I splurged on a 1995 De Rosa Primato in EL-OS in May last year and I have absolutely no regrets. It is a wonderful, lively, responsive, comfortable ride. If the Giro d'italia is anything like the Primato I would give it the big thumbs up.

Also, if you are anything like me, don't discount the satisfaction you'll get out of having a delightful looking bike. My bike is red with chrome head lugs. I reckon De Rosa's are pretty special to begin with, so throw in chrome lugs and you have something you'll never tire of looking at.


----------



## TWB8s (Sep 18, 2003)

I was liking this one at the NAHMBS


----------



## george kraushaar (Jan 15, 2007)

I think I'm going to go for it. The seat tube is 1cm longer than I normally ride but the top tube is the proper length. Sometimes it's hard to get picky on used bikes which only become available on rare occasions


----------



## Guest (Mar 5, 2009)

greg75 said:


> Do you know what tubing it has? Columbus EL-OS?
> 
> I splurged on a 1995 De Rosa Primato in EL-OS in May last year and I have absolutely no regrets. It is a wonderful, lively, responsive, comfortable ride. If the Giro d'italia is anything like the Primato I would give it the big thumbs up.
> 
> Also, if you are anything like me, don't discount the satisfaction you'll get out of having a delightful looking bike. My bike is red with chrome head lugs. I reckon De Rosa's are pretty special to begin with, so throw in chrome lugs and you have something you'll never tire of looking at.




Nice bike.


----------



## tailwinder (Oct 18, 2005)

*Giro tubeset*

The Giro model also had an EL-OS iteration. I believe that Brain tubesets followed the EL-OS versions. Giros of that era lacked the bottom-bracket stiffening tangs of the Primato, but both had Diamante chainstays. I haven't ridden a Primato, but find little BB flexiness on my EL-OS Giro in climbs and sprints. From my first ride till today, my Giro continues to elicit a fuzzy warm feeling for its beguiling combination of comfort, aliveness, and handling.


----------



## greg75 (Feb 15, 2008)

toomanybikes said:


> The Giro d"italia was built of Brain tubing.
> 
> Nice bike.


Here's one in EL/OS:

http://velospace.org/node/16923


----------



## Nessism (Feb 6, 2004)

I thought the Giro used Neuron tubing, not Brain. Neuron was a mix between Brain and ELOS. In either case, a nice frame.


----------



## caterham (Nov 7, 2005)

Nessism said:


> Neuron was a mix between Brain and ELOS.

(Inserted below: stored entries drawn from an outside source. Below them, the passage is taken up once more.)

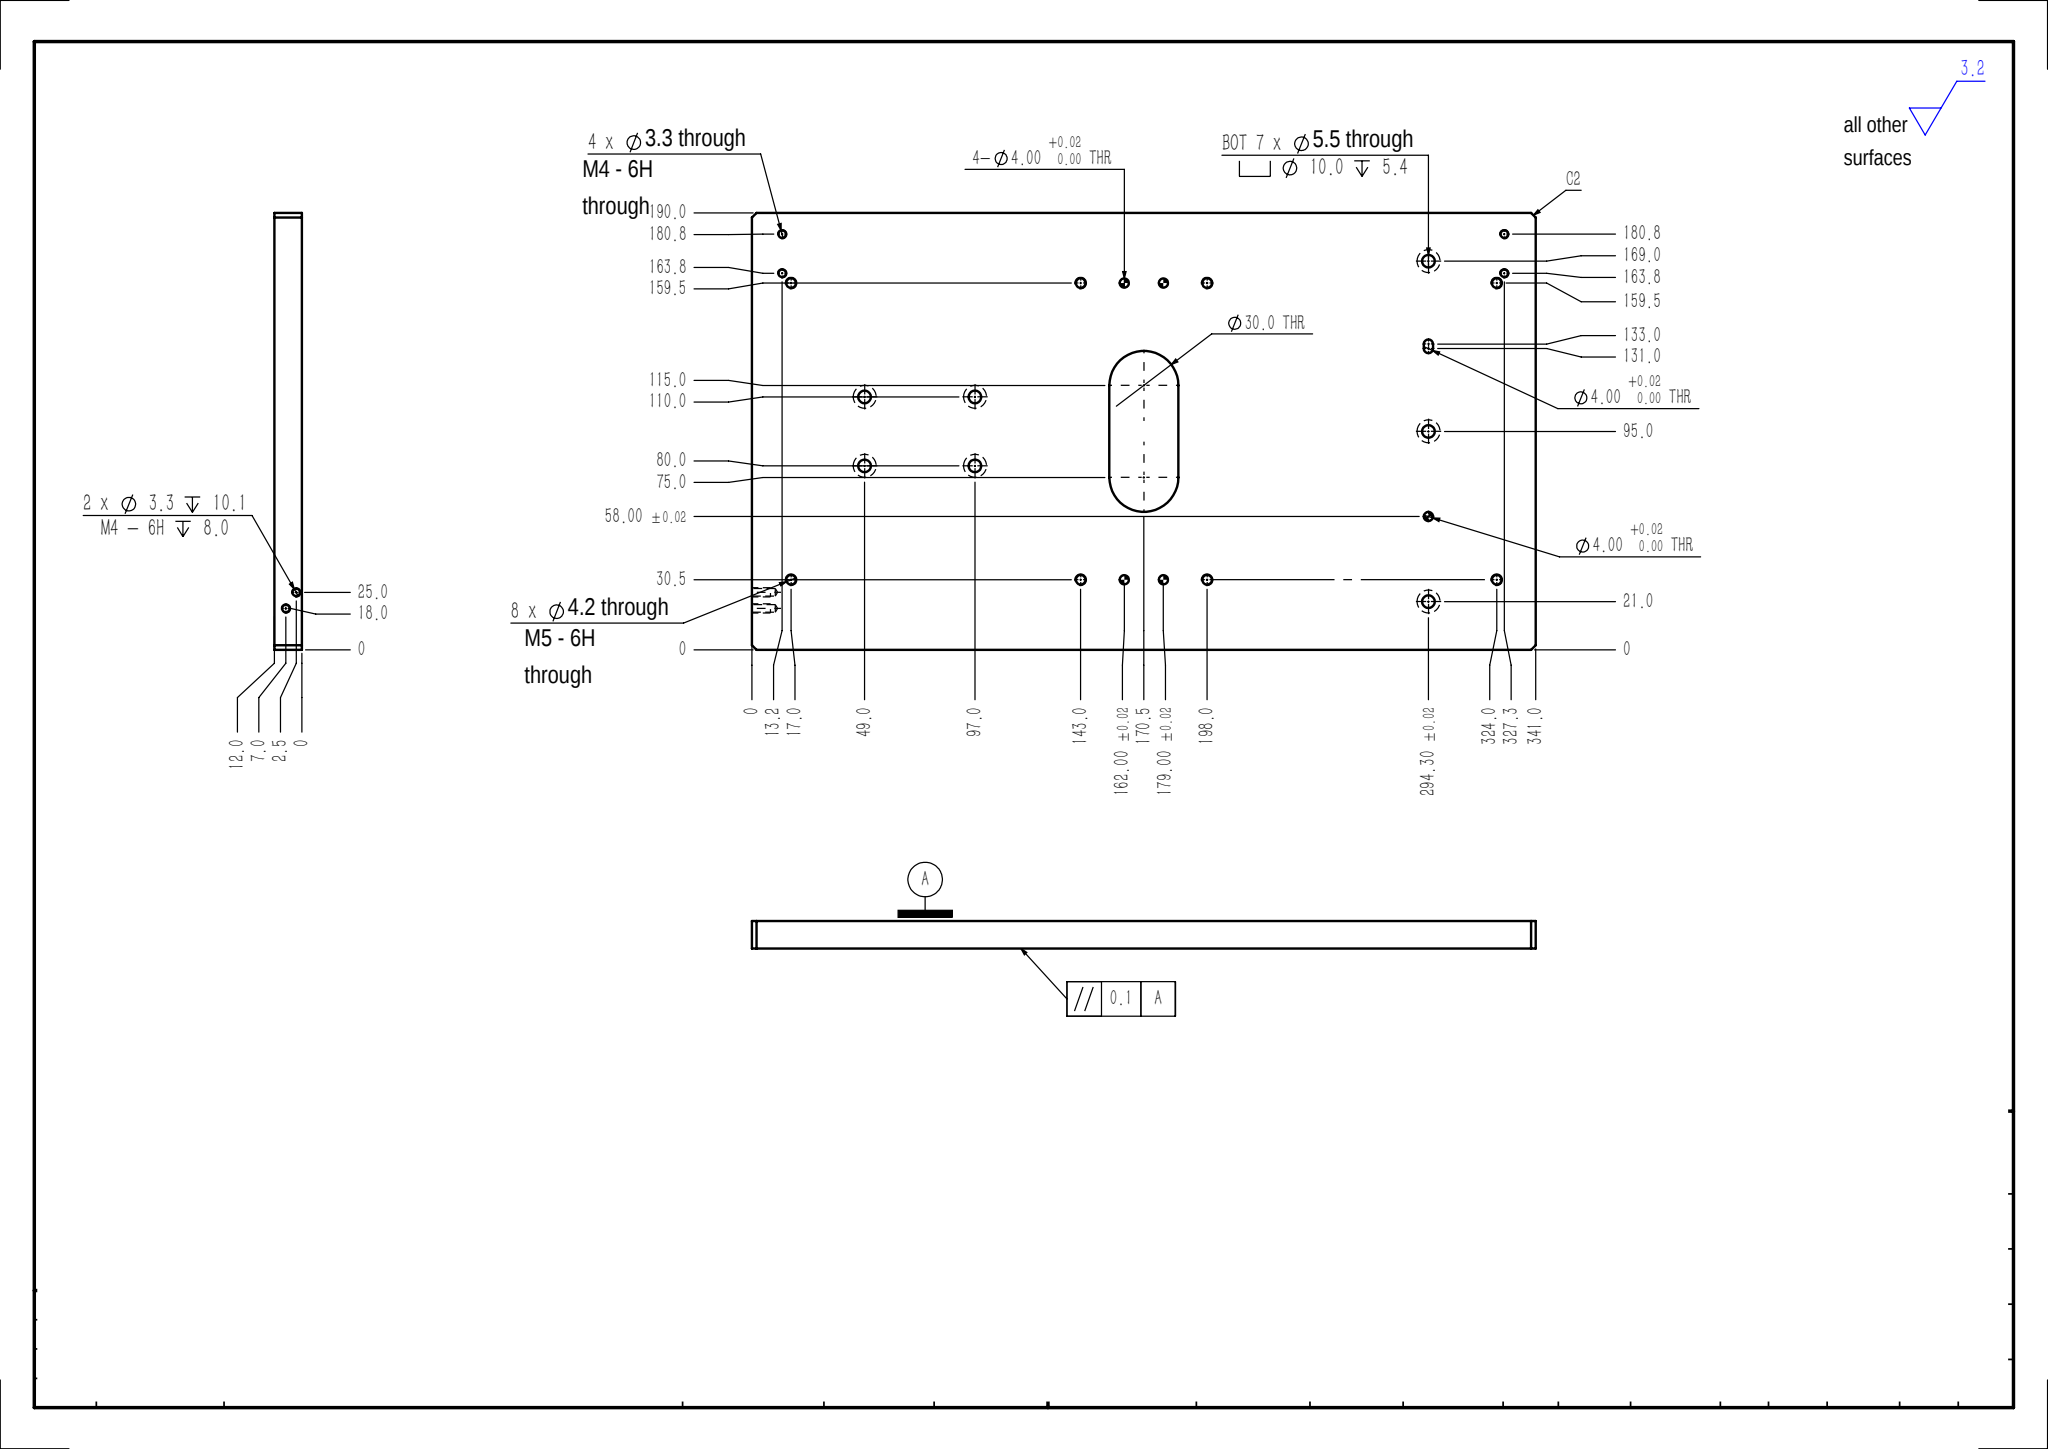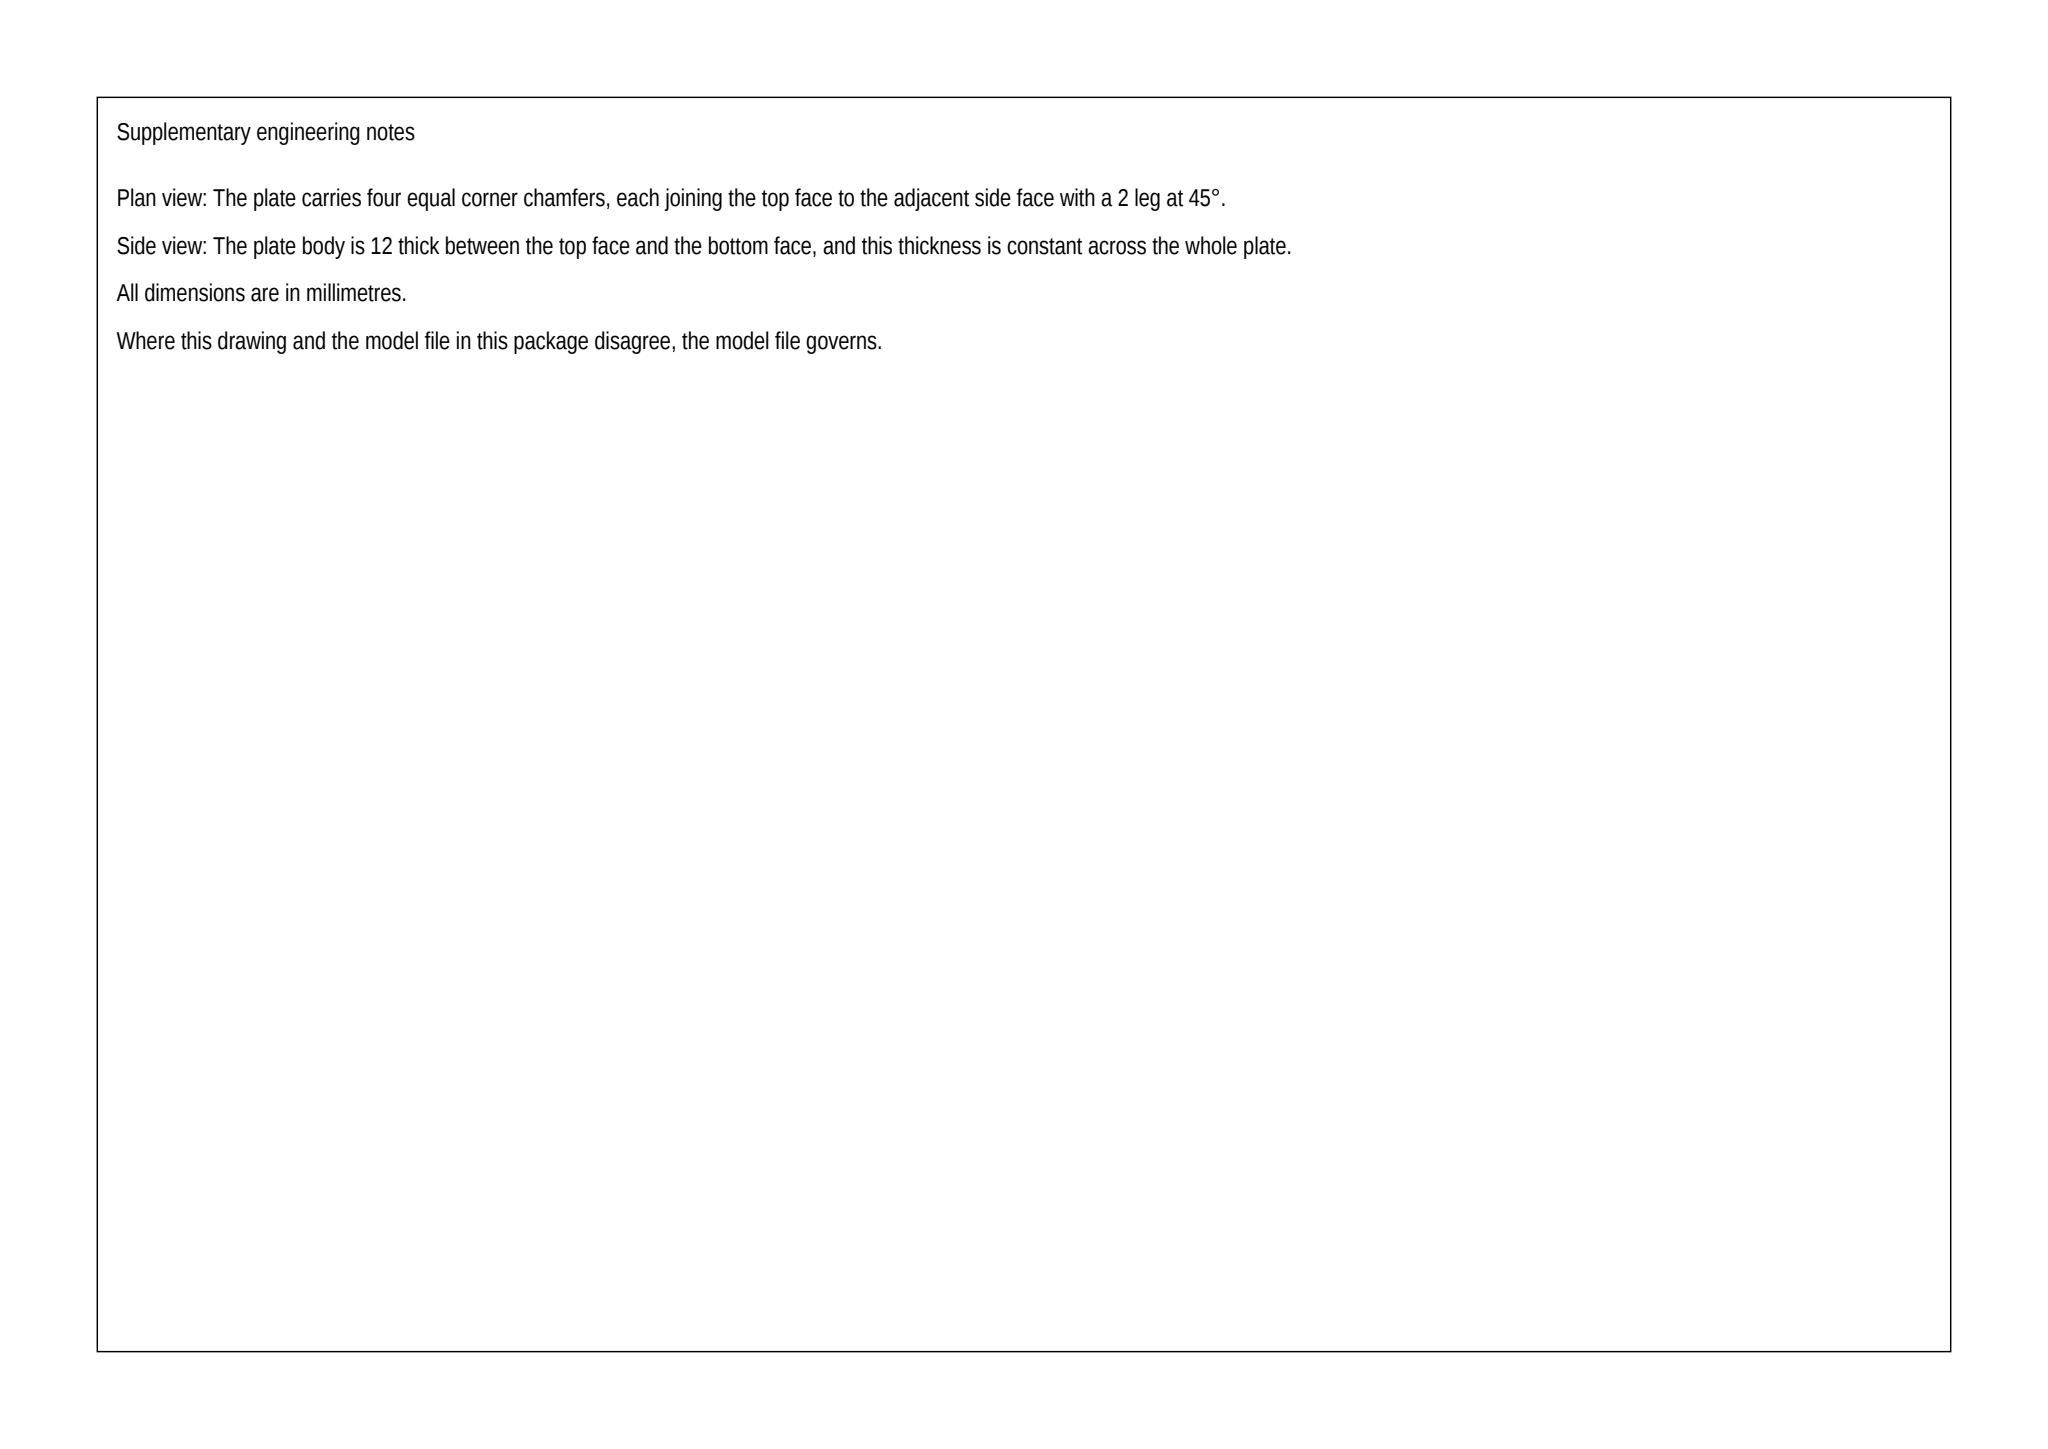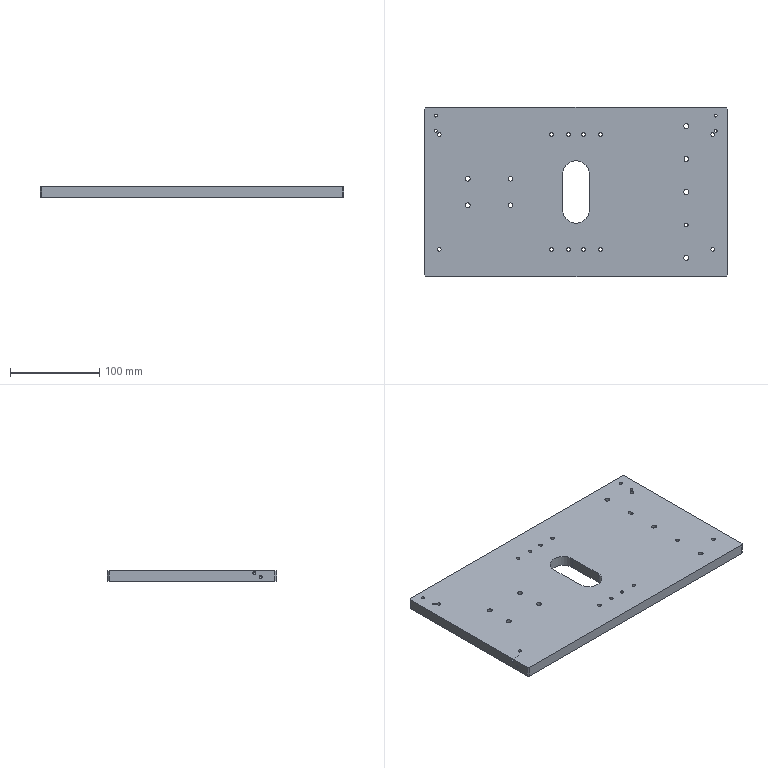Part | SolidWorks | mm | 1 solid | 95 faces | box 341 x 190 x 12 mm | volume 747515 mm3 | cylinder 70 | plane 21 | cone 4 | commonest cylinder face diameters 4.2 x16 10 x14 5.5 x14 3.3 x12 4 x12 30 x2
build123d program:
from build123d import *

# Parameters (mm, degrees)
SKETCH1_W                                       = 341
SKETCH1_H                                       = 190
BOSS_EXTRUDE1_DEPTH                             = 6
M5_HEX_SOCKET_HEAD_CAP_SCREW_CBORE1_D           = 5.5
M5_HEX_SOCKET_HEAD_CAP_SCREW_CBORE1_CBORE_D     = 10
M5_HEX_SOCKET_HEAD_CAP_SCREW_CBORE1_CBORE_DEPTH = 5.4
SKETCH5_R                                       = 2
CUT_EXTRUDE1_DEPTH                              = 196.549
M4_TAPPED_HOLE1_D                               = 3.3
SIZE_MM_DOWEL_HOLE1_D                           = 4
M5_TAPPED_HOLE1_D                               = 4.2
CHAMFER1_SIZE                                   = 2
CUT_EXTRUDE2_DEPTH                              = 196.549
M4_TAPPED_HOLE2_D                               = 3.3
M4_TAPPED_HOLE2_DEPTH                           = 10.1
M4_TAPPED_HOLE2_TIP                             = 0.9914


with BuildPart() as part:
    # Sketch1 → Boss-Extrude1 (new, symmetric)
    with BuildSketch(Plane.XY):
        Rectangle(SKETCH1_W, SKETCH1_H)
    extrude(amount=BOSS_EXTRUDE1_DEPTH, both=True)

    # M5 Hex Socket Head Cap Screw CBORE1 (through all)
    with Locations(Plane(origin=(0, 0, -6), x_dir=(-1, 0, 0), z_dir=(0, 0, -1))):
        with Locations((121.5, -15), (73.5, -15), (121.5, 15), (73.5, 15), (-123.8, -74), (-123.8, 0), (-123.8, 74)):
            CounterBoreHole(M5_HEX_SOCKET_HEAD_CAP_SCREW_CBORE1_D / 2, M5_HEX_SOCKET_HEAD_CAP_SCREW_CBORE1_CBORE_D / 2, M5_HEX_SOCKET_HEAD_CAP_SCREW_CBORE1_CBORE_DEPTH)

    # Sketch5 → Cut-Extrude1 (cut, through all)
    with BuildSketch(Plane(origin=(0, 0, -6), x_dir=(-1, 0, 0), z_dir=(0, 0, -1))):
        with Locations((-123.8, -37)):
            Circle(SKETCH5_R)
        with BuildLine():
            Line((-121.8, 38), (-121.8, 36))
            ThreePointArc((-121.8, 36), (-123.8, 34), (-125.8, 36))
            Line((-125.8, 36), (-125.8, 38))
            ThreePointArc((-125.8, 38), (-123.8, 40), (-121.8, 38))
        make_face()
    extrude(amount=-CUT_EXTRUDE1_DEPTH, mode=Mode.SUBTRACT)

    # M4 Tapped Hole1 (through all)
    with Locations(Plane.XY.offset(6)):
        with Locations((-157.35, 68.75), (-157.35, 85.75), (156.8, 68.75), (156.8, 85.75)):
            Hole(M4_TAPPED_HOLE1_D / 2)

    # Size mm Dowel Hole1 (through all)
    with Locations(Plane(origin=(0, 0, -6), x_dir=(-1, 0, 0), z_dir=(0, 0, -1))):
        with Locations((8.5, -64.5), (-8.5, -64.5), (8.5, 64.5), (-8.5, 64.5)):
            Hole(SIZE_MM_DOWEL_HOLE1_D / 2)

    # M5 Tapped Hole1 (through all)
    with Locations(Plane(origin=(0, 0, -6), x_dir=(-1, 0, 0), z_dir=(0, 0, -1))):
        with Locations((153.5, -64.5), (27.5, -64.5), (153.5, 64.5), (27.5, 64.5), (-27.5, 64.5), (-153.5, 64.5), (-27.5, -64.5), (-153.5, -64.5)):
            Hole(M5_TAPPED_HOLE1_D / 2)

    # Chamfer1
    chamfer1_edges = [part.edges().sort_by_distance(p)[0] for p in [
        (170.5, -95, 0),
        (-170.5, -95, 0),
        (-170.5, 95, 0),
        (170.5, 95, 0),
    ]]
    chamfer(chamfer1_edges, length=CHAMFER1_SIZE)

    # Sketch14 → Cut-Extrude2 (cut, through all)
    with BuildSketch(Plane(origin=(0, 0, -6), x_dir=(-1, 0, 0), z_dir=(0, 0, -1))):
        with BuildLine():
            Line((-15, -20), (-15, 20))
            ThreePointArc((-15, 20), (0, 35), (15, 20))
            Line((15, 20), (15, -20))
            ThreePointArc((15, -20), (0, -35), (-15, -20))
        make_face()
    extrude(amount=-CUT_EXTRUDE2_DEPTH, mode=Mode.SUBTRACT)

    # M4 Tapped Hole2
    with Locations(Plane.ZY.offset(170.5)):
        with Locations((-1, -77), (3.5, -70)):
            Hole(M4_TAPPED_HOLE2_D / 2, depth=M4_TAPPED_HOLE2_DEPTH)
            with Locations((0, 0, -(M4_TAPPED_HOLE2_DEPTH + M4_TAPPED_HOLE2_TIP / 2))):  # 118° drill point
                Cone(0, M4_TAPPED_HOLE2_D / 2, M4_TAPPED_HOLE2_TIP, mode=Mode.SUBTRACT)


solid = part.part

 not so much a "mix" as a "cross".
brain & brain/OS were cyclex, EL& EL-OS were nivacrom. neuron was a nivacrom tubeset drawn to (non-OS) brain wall dimensions




> In either case, a nice frame.


indeed


----------



## High Gear (Mar 9, 2002)

george kraushaar said:


> I think I'm going to go for it. The seat tube is 1cm longer than I normally ride but the top tube is the proper length. Sometimes it's hard to get picky on used bikes which only become available on rare occasions


I have a Primato and love it. Go for it!


----------



## george kraushaar (Jan 15, 2007)

I went ahead and got the Giro d'Italia. The sticker says EL but it also says the tubing is oversize.

The frame is really very clean. Just the tiniest of specks in the paint. The De Rosa people really know how to do things right. The chrome lugs up front, the chrome facings on the dropouts, the partial chrome chainstay - very very nice.

The bike was basically set up with 9 speed Ultegra except for the Campy brakes. We tried to put on a compact but didn't have an Italian thread bottom bracket. We tried a Campy crank but the chainwheels wouldn't clear the chainstay. We stuck the Shimano back on because it was the only one on hand which fit. To gain some lower gears we went to a wider spacing on the cassette. We also changed out the stem because the stainless stem on the bike was too long for me.

As is, the bike has Ultegra shifters and crank, a ti bottom bracket, Chris King headset, ITM bars, Dedo stem, and Mavic Cosmic Elite wheels.

I took the bike for a short jaunt this afternoon to see how she rode. Everything worked just perfectly. You can tell on this bike that you're on a higher level, and I already have a Paramount and a Gunnar Roadie.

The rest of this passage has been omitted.